Representative Rohit "Ro" Khanna of California's 17th district announced in an October 10 op-ed in the New York Times that he has introduced a "bipartisan congressional resolution" in the House calling for an end to US support of the "horrifying" Saudi-led war in Yemen.

Khanna, who served as the Deputy Assistant Secretary in the US Department of Commerce from 2008 to 2012 under President Obama, recently broke from the mainstream Democratic party when he declared himself a "Justice Democrat" -- aligning himself with the new and progressive Justice Democrat party recently co-founded by The Young Turk's CEO Cenk Uygur and Kyle Kulinski of Secular Talk.
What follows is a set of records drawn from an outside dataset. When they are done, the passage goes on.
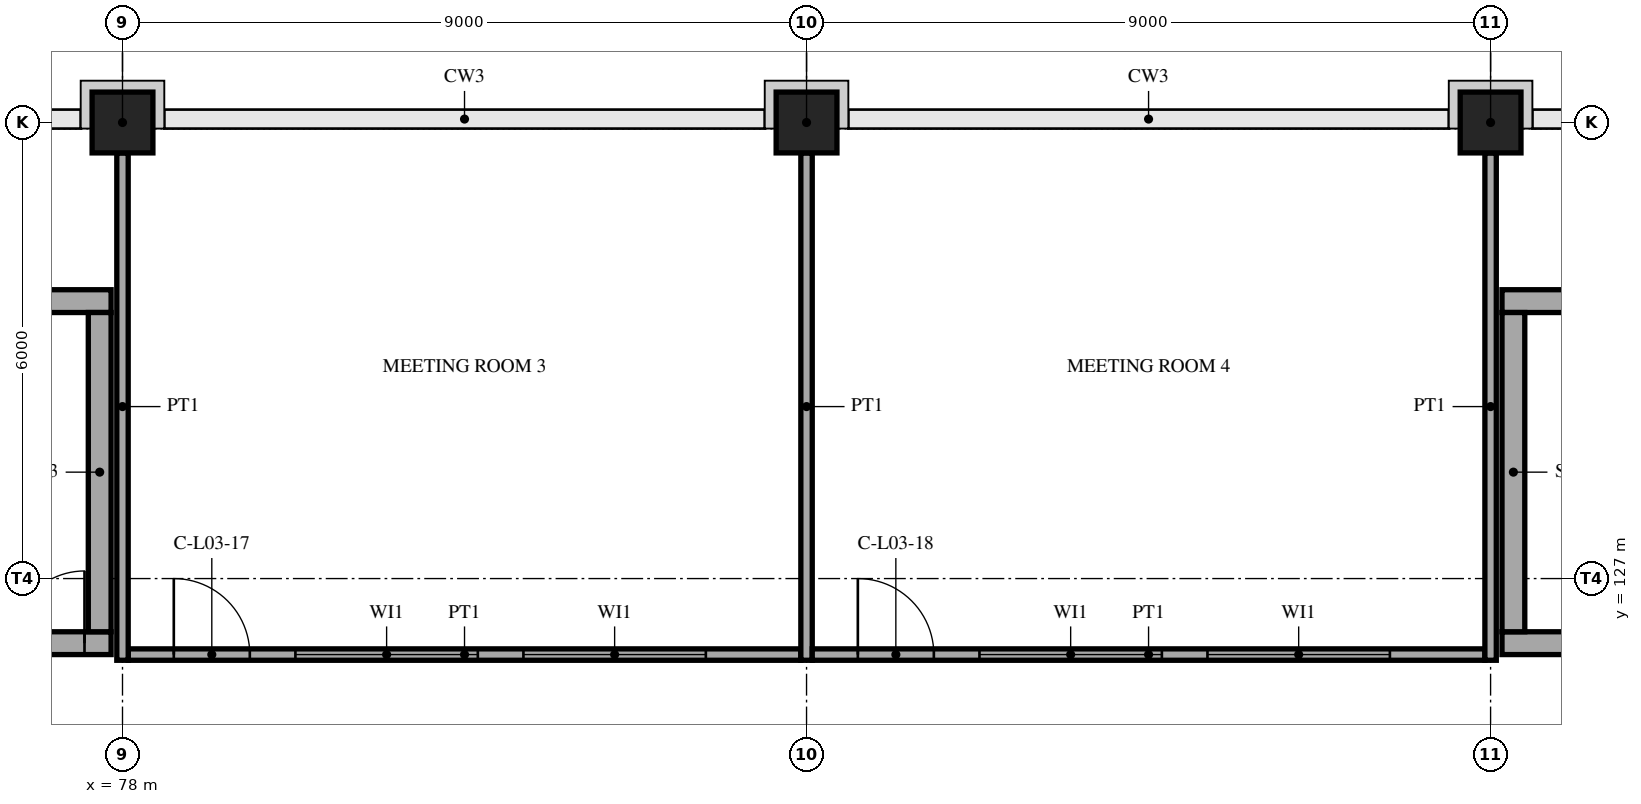
"""IFC4 building model, lengths in metres.
Left out: names, types, materials, properties, quantities, classifications, styles, units other than length and angle.
Written with IfcOpenShell. Run it as: python <this file> out.ifc"""

import sys

from ifc_helpers import new_model, si_unit, direction, frame, frame_2d, origin, origin_2d, place, context, subcontext, project, spatial, rectangle, extrude, element, fill, save


model = new_model("IFC4")
c1 = context("Model", 3, precision=1e-05, world=origin(), true_north=direction((0.0, 1.0)))
c2 = subcontext(c1, "Body", "Model", "MODEL_VIEW")
j1 = project(units=[si_unit("LENGTHUNIT", "METRE"), si_unit("PLANEANGLEUNIT", "RADIAN")], contexts=[c1])
p1 = place(None, origin())
s1 = spatial("IfcSite", under=j1, at=p1, CompositionType="ELEMENT")
p2 = place(p1, origin())
s2 = spatial("IfcBuilding", under=s1, at=p2, CompositionType="ELEMENT")
p3 = place(p2, frame((0.0, 0.0, 15.0)))
s3 = spatial("IfcBuildingStorey", under=s2, at=p3, CompositionType="ELEMENT", Elevation=15.0)
for number, where, z_axis, x_axis in (
    (1, (78.0, 133.0, 0.0), (0.0, 0.0, 1.0), (1.0, 0.0, 0.0)),
    (2, (87.0, 133.0, 0.0), (0.0, 0.0, 1.0), (1.0, 0.0, 0.0)),
    (3, (96.0, 133.0, 0.0), (0.0, 0.0, 1.0), (1.0, 0.0, 0.0)),
):
    element("IfcColumn", number, at=place(p3, frame(where, z_axis=z_axis, x_axis=x_axis)), inside=s3, PredefinedType="COLUMN", context=c2, shape_type="SweptSolid", body=[
        extrude(rectangle(XDim=0.8, YDim=0.8, at=origin_2d()), origin(), (0.0, 0.0, 1.0), 4.2),
    ])
p4 = place(p3, frame((69.15, 126.15, 0.0), z_axis=(0.0, 0.0, 1.0), x_axis=(1.0, 0.0, 0.0)))
e4 = element("IfcWall", 4, at=p4, inside=s3, PredefinedType="SHEAR", context=c2, shape_type="SweptSolid", body=[
    extrude(rectangle(XDim=8.7, YDim=0.3, at=frame_2d((4.35, 0.0))), origin(), (0.0, 0.0, 1.0), 4.2),
])
p5 = place(p4, frame((6.45, 0.0, 0.0)))
e5 = element("IfcOpeningElement", 5, at=p5, cuts=e4, PredefinedType="OPENING", context=c2, shape_type="SweptSolid", body=[
    extrude(rectangle(XDim=1.9, YDim=2.1, at=frame_2d((0.95, 1.05))), frame((0.0, 0.16, 0.0), z_axis=(0.0, -1.0, 0.0), x_axis=(1.0, 0.0, 0.0)), (0.0, 0.0, 1.0), 0.32),
])
p6 = place(p3, frame((69.15, 130.65, 0.0), z_axis=(0.0, 0.0, 1.0), x_axis=(1.0, 0.0, 0.0)))
e6 = element("IfcWall", 6, at=p6, inside=s3, PredefinedType="SHEAR", context=c2, shape_type="SweptSolid", body=[
    extrude(rectangle(XDim=8.7, YDim=0.3, at=frame_2d((4.35, 0.0))), origin(), (0.0, 0.0, 1.0), 4.2),
])
p7 = place(p3, frame((77.7, 126.3, 0.0), z_axis=(0.0, 0.0, 1.0), x_axis=(0.0, 1.0, 0.0)))
e7 = element("IfcWall", 7, at=p7, inside=s3, PredefinedType="SHEAR", context=c2, shape_type="SweptSolid", body=[
    extrude(rectangle(XDim=4.2, YDim=0.3, at=frame_2d((2.1, 0.0))), origin(), (0.0, 0.0, 1.0), 4.2),
])
p8 = place(p3, frame((96.15, 126.15, 0.0), z_axis=(0.0, 0.0, 1.0), x_axis=(1.0, 0.0, 0.0)))
e8 = element("IfcWall", 8, at=p8, inside=s3, PredefinedType="SHEAR", context=c2, shape_type="SweptSolid", body=[
    extrude(rectangle(XDim=8.2, YDim=0.3, at=frame_2d((4.1, 0.0))), origin(), (0.0, 0.0, 1.0), 4.2),
])
p9 = place(p8, frame((5.95, 0.0, 0.0)))
e9 = element("IfcOpeningElement", 9, at=p9, cuts=e8, PredefinedType="OPENING", context=c2, shape_type="SweptSolid", body=[
    extrude(rectangle(XDim=1.9, YDim=2.1, at=frame_2d((0.95, 1.05))), frame((0.0, 0.16, 0.0), z_axis=(0.0, -1.0, 0.0), x_axis=(1.0, 0.0, 0.0)), (0.0, 0.0, 1.0), 0.32),
])
p10 = place(p3, frame((96.15, 130.65, 0.0), z_axis=(0.0, 0.0, 1.0), x_axis=(1.0, 0.0, 0.0)))
e10 = element("IfcWall", 10, at=p10, inside=s3, PredefinedType="SHEAR", context=c2, shape_type="SweptSolid", body=[
    extrude(rectangle(XDim=8.2, YDim=0.3, at=frame_2d((4.1, 0.0))), origin(), (0.0, 0.0, 1.0), 4.2),
])
p11 = place(p3, frame((96.3, 126.3, 0.0), z_axis=(0.0, 0.0, 1.0), x_axis=(0.0, 1.0, 0.0)))
e11 = element("IfcWall", 11, at=p11, inside=s3, PredefinedType="SHEAR", context=c2, shape_type="SweptSolid", body=[
    extrude(rectangle(XDim=4.2, YDim=0.3, at=frame_2d((2.1, 0.0))), origin(), (0.0, 0.0, 1.0), 4.2),
])
p12 = place(p3, frame((78.075, 126.0, 0.0), z_axis=(0.0, 0.0, 1.0), x_axis=(1.0, 0.0, 0.0)))
e12 = element("IfcWall", 12, at=p12, inside=s3, PredefinedType="PARTITIONING", context=c2, shape_type="SweptSolid", body=[
    extrude(rectangle(XDim=8.85, YDim=0.15, at=frame_2d((4.425, 0.0))), origin(), (0.0, 0.0, 1.0), 4.2),
])
p13 = place(p12, frame((0.6, 0.0, 0.0)))
e13 = element("IfcOpeningElement", 13, at=p13, cuts=e12, PredefinedType="OPENING", context=c2, shape_type="SweptSolid", body=[
    extrude(rectangle(XDim=1.0, YDim=2.1, at=frame_2d((0.5, 1.05))), frame((0.0, 0.085, 0.0), z_axis=(0.0, -1.0, 0.0), x_axis=(1.0, 0.0, 0.0)), (0.0, 0.0, 1.0), 0.17),
])
p14 = place(p12, frame((2.2, 0.0, 0.9)))
e14 = element("IfcOpeningElement", 14, at=p14, cuts=e12, PredefinedType="OPENING", context=c2, shape_type="SweptSolid", body=[
    extrude(rectangle(XDim=2.4, YDim=1.5, at=frame_2d((1.2, 0.75))), frame((0.0, 0.085, 0.0), z_axis=(0.0, -1.0, 0.0), x_axis=(1.0, 0.0, 0.0)), (0.0, 0.0, 1.0), 0.17),
])
p15 = place(p12, frame((5.2, 0.0, 0.9)))
e15 = element("IfcOpeningElement", 15, at=p15, cuts=e12, PredefinedType="OPENING", context=c2, shape_type="SweptSolid", body=[
    extrude(rectangle(XDim=2.4, YDim=1.5, at=frame_2d((1.2, 0.75))), frame((0.0, 0.085, 0.0), z_axis=(0.0, -1.0, 0.0), x_axis=(1.0, 0.0, 0.0)), (0.0, 0.0, 1.0), 0.17),
])
for number, where, z_axis, x_axis in (
    (16, (78.0, 125.925, 0.0), (0.0, 0.0, 1.0), (0.0, 1.0, 0.0)),
    (17, (87.0, 125.925, 0.0), (0.0, 0.0, 1.0), (0.0, 1.0, 0.0)),
):
    element("IfcWall", number, at=place(p3, frame(where, z_axis=z_axis, x_axis=x_axis)), inside=s3, PredefinedType="PARTITIONING", context=c2, shape_type="SweptSolid", body=[
        extrude(rectangle(XDim=6.675, YDim=0.15, at=frame_2d((3.337, 0.0))), origin(), (0.0, 0.0, 1.0), 4.2),
    ])
p16 = place(p3, frame((87.075, 126.0, 0.0), z_axis=(0.0, 0.0, 1.0), x_axis=(1.0, 0.0, 0.0)))
e18 = element("IfcWall", 18, at=p16, inside=s3, PredefinedType="PARTITIONING", context=c2, shape_type="SweptSolid", body=[
    extrude(rectangle(XDim=8.85, YDim=0.15, at=frame_2d((4.425, 0.0))), origin(), (0.0, 0.0, 1.0), 4.2),
])
p17 = place(p16, frame((0.6, 0.0, 0.0)))
e19 = element("IfcOpeningElement", 19, at=p17, cuts=e18, PredefinedType="OPENING", context=c2, shape_type="SweptSolid", body=[
    extrude(rectangle(XDim=1.0, YDim=2.1, at=frame_2d((0.5, 1.05))), frame((0.0, 0.085, 0.0), z_axis=(0.0, -1.0, 0.0), x_axis=(1.0, 0.0, 0.0)), (0.0, 0.0, 1.0), 0.17),
])
p18 = place(p16, frame((2.2, 0.0, 0.9)))
e20 = element("IfcOpeningElement", 20, at=p18, cuts=e18, PredefinedType="OPENING", context=c2, shape_type="SweptSolid", body=[
    extrude(rectangle(XDim=2.4, YDim=1.5, at=frame_2d((1.2, 0.75))), frame((0.0, 0.085, 0.0), z_axis=(0.0, -1.0, 0.0), x_axis=(1.0, 0.0, 0.0)), (0.0, 0.0, 1.0), 0.17),
])
p19 = place(p16, frame((5.2, 0.0, 0.9)))
e21 = element("IfcOpeningElement", 21, at=p19, cuts=e18, PredefinedType="OPENING", context=c2, shape_type="SweptSolid", body=[
    extrude(rectangle(XDim=2.4, YDim=1.5, at=frame_2d((1.2, 0.75))), frame((0.0, 0.085, 0.0), z_axis=(0.0, -1.0, 0.0), x_axis=(1.0, 0.0, 0.0)), (0.0, 0.0, 1.0), 0.17),
])
p20 = place(p3, frame((96.0, 125.925, 0.0), z_axis=(0.0, 0.0, 1.0), x_axis=(0.0, 1.0, 0.0)))
e22 = element("IfcWall", 22, at=p20, inside=s3, PredefinedType="PARTITIONING", context=c2, shape_type="SweptSolid", body=[
    extrude(rectangle(XDim=6.675, YDim=0.15, at=frame_2d((3.337, 0.0))), origin(), (0.0, 0.0, 1.0), 4.2),
])
p21 = place(p5, origin())
e23 = element("IfcDoor", 23, at=p21, inside=s3, OperationType="DOUBLE_DOOR_SINGLE_SWING", PredefinedType="NOTDEFINED", context=c2, shape_type="SweptSolid", body=[
    extrude(rectangle(XDim=1.9, YDim=2.1, at=frame_2d((0.95, 1.05))), frame((0.0, 0.025, 0.0), z_axis=(0.0, -1.0, 0.0), x_axis=(1.0, 0.0, 0.0)), (0.0, 0.0, 1.0), 0.05),
])
fill(e5, e23)
p22 = place(p13, origin())
e24 = element("IfcDoor", 24, at=p22, inside=s3, OperationType="SINGLE_SWING_LEFT", PredefinedType="NOTDEFINED", context=c2, shape_type="SweptSolid", body=[
    extrude(rectangle(XDim=1.0, YDim=2.1, at=frame_2d((0.5, 1.05))), frame((0.0, 0.025, 0.0), z_axis=(0.0, -1.0, 0.0), x_axis=(1.0, 0.0, 0.0)), (0.0, 0.0, 1.0), 0.05),
])
fill(e13, e24)
p23 = place(p14, origin())
e25 = element("IfcWindow", 25, at=p23, inside=s3, PartitioningType="SINGLE_PANEL", PredefinedType="WINDOW", context=c2, shape_type="SweptSolid", body=[
    extrude(rectangle(XDim=2.4, YDim=1.5, at=frame_2d((1.2, 0.75))), frame((0.0, 0.03, 0.0), z_axis=(0.0, -1.0, 0.0), x_axis=(1.0, 0.0, 0.0)), (0.0, 0.0, 1.0), 0.06),
])
fill(e14, e25)
p24 = place(p15, origin())
e26 = element("IfcWindow", 26, at=p24, inside=s3, PartitioningType="SINGLE_PANEL", PredefinedType="WINDOW", context=c2, shape_type="SweptSolid", body=[
    extrude(rectangle(XDim=2.4, YDim=1.5, at=frame_2d((1.2, 0.75))), frame((0.0, 0.03, 0.0), z_axis=(0.0, -1.0, 0.0), x_axis=(1.0, 0.0, 0.0)), (0.0, 0.0, 1.0), 0.06),
])
fill(e15, e26)
p25 = place(p17, origin())
e27 = element("IfcDoor", 27, at=p25, inside=s3, OperationType="SINGLE_SWING_LEFT", PredefinedType="NOTDEFINED", context=c2, shape_type="SweptSolid", body=[
    extrude(rectangle(XDim=1.0, YDim=2.1, at=frame_2d((0.5, 1.05))), frame((0.0, 0.025, 0.0), z_axis=(0.0, -1.0, 0.0), x_axis=(1.0, 0.0, 0.0)), (0.0, 0.0, 1.0), 0.05),
])
fill(e19, e27)
p26 = place(p18, origin())
e28 = element("IfcWindow", 28, at=p26, inside=s3, PartitioningType="SINGLE_PANEL", PredefinedType="WINDOW", context=c2, shape_type="SweptSolid", body=[
    extrude(rectangle(XDim=2.4, YDim=1.5, at=frame_2d((1.2, 0.75))), frame((0.0, 0.03, 0.0), z_axis=(0.0, -1.0, 0.0), x_axis=(1.0, 0.0, 0.0)), (0.0, 0.0, 1.0), 0.06),
])
fill(e20, e28)
p27 = place(p19, origin())
e29 = element("IfcWindow", 29, at=p27, inside=s3, PartitioningType="SINGLE_PANEL", PredefinedType="WINDOW", context=c2, shape_type="SweptSolid", body=[
    extrude(rectangle(XDim=2.4, YDim=1.5, at=frame_2d((1.2, 0.75))), frame((0.0, 0.03, 0.0), z_axis=(0.0, -1.0, 0.0), x_axis=(1.0, 0.0, 0.0)), (0.0, 0.0, 1.0), 0.06),
])
fill(e21, e29)
save(model, sys.argv[1])

Congressman Khanna's stand against the War In Yemen is both a bold political statement as well as a long overdue attempt to redress US support for the repressive monarchy in Saudi Arabia.

Saudi destruction of Yemen

The Kingdom of Saudi Arabia launched "Operation Decisive Storm" in March of 2015 when the Sunni state began to bombard neighboring Yemen. As of January 2017, the UN reported that the Saudi-led and US-backed campaign had killed over 10,000 civilians. 140 were killed in one instance alone when a Saudi warplane bombed a wedding in the town of Sanaâ.

In his op-ed for the New York Times, Khanna correctly pointed out that Yemen has been subjugated to "a famine of biblical proportions, in the words of Jan Egeland, the head of the Norwegian Refugee Council." According to Democracy Now!, Yemen is facing an unprecedented cholera outbreak in which nearly one civilian is killed each hour. Cholera is said to have killed up to 2,000 people in Yemen as of this month.

The Saudi-US effort has also failed to yield geopolitical success. A confidential UN report found that "The Saudi Arabia-led coalition strategic air campaign continues to have little operational or tactical impact on the ground" and has actually empowered AQAP (Al-Qaeda in the Arabian Peninsula) in their ability to "launch terrorist attacks against targets in the West."

Ro Khanna's resolution and Saudi-US relations under Trump

Khanna's legislation, entitled House Congressional Resolution 81, calls for the White House to "remove United States Armed Forces from hostilities in the Republic of Yemen." We will most likely not see Khanna's directive come to fruition, however, as President trump is currently at the helm of arguably the most pro-Saudi administration in US history -- having supplied the Islamic monarchy with $1.56 billion in military aid" and "more than doubled its bombs, missiles, and ammunition deliveries to Saudi Arabia" since taking office in January.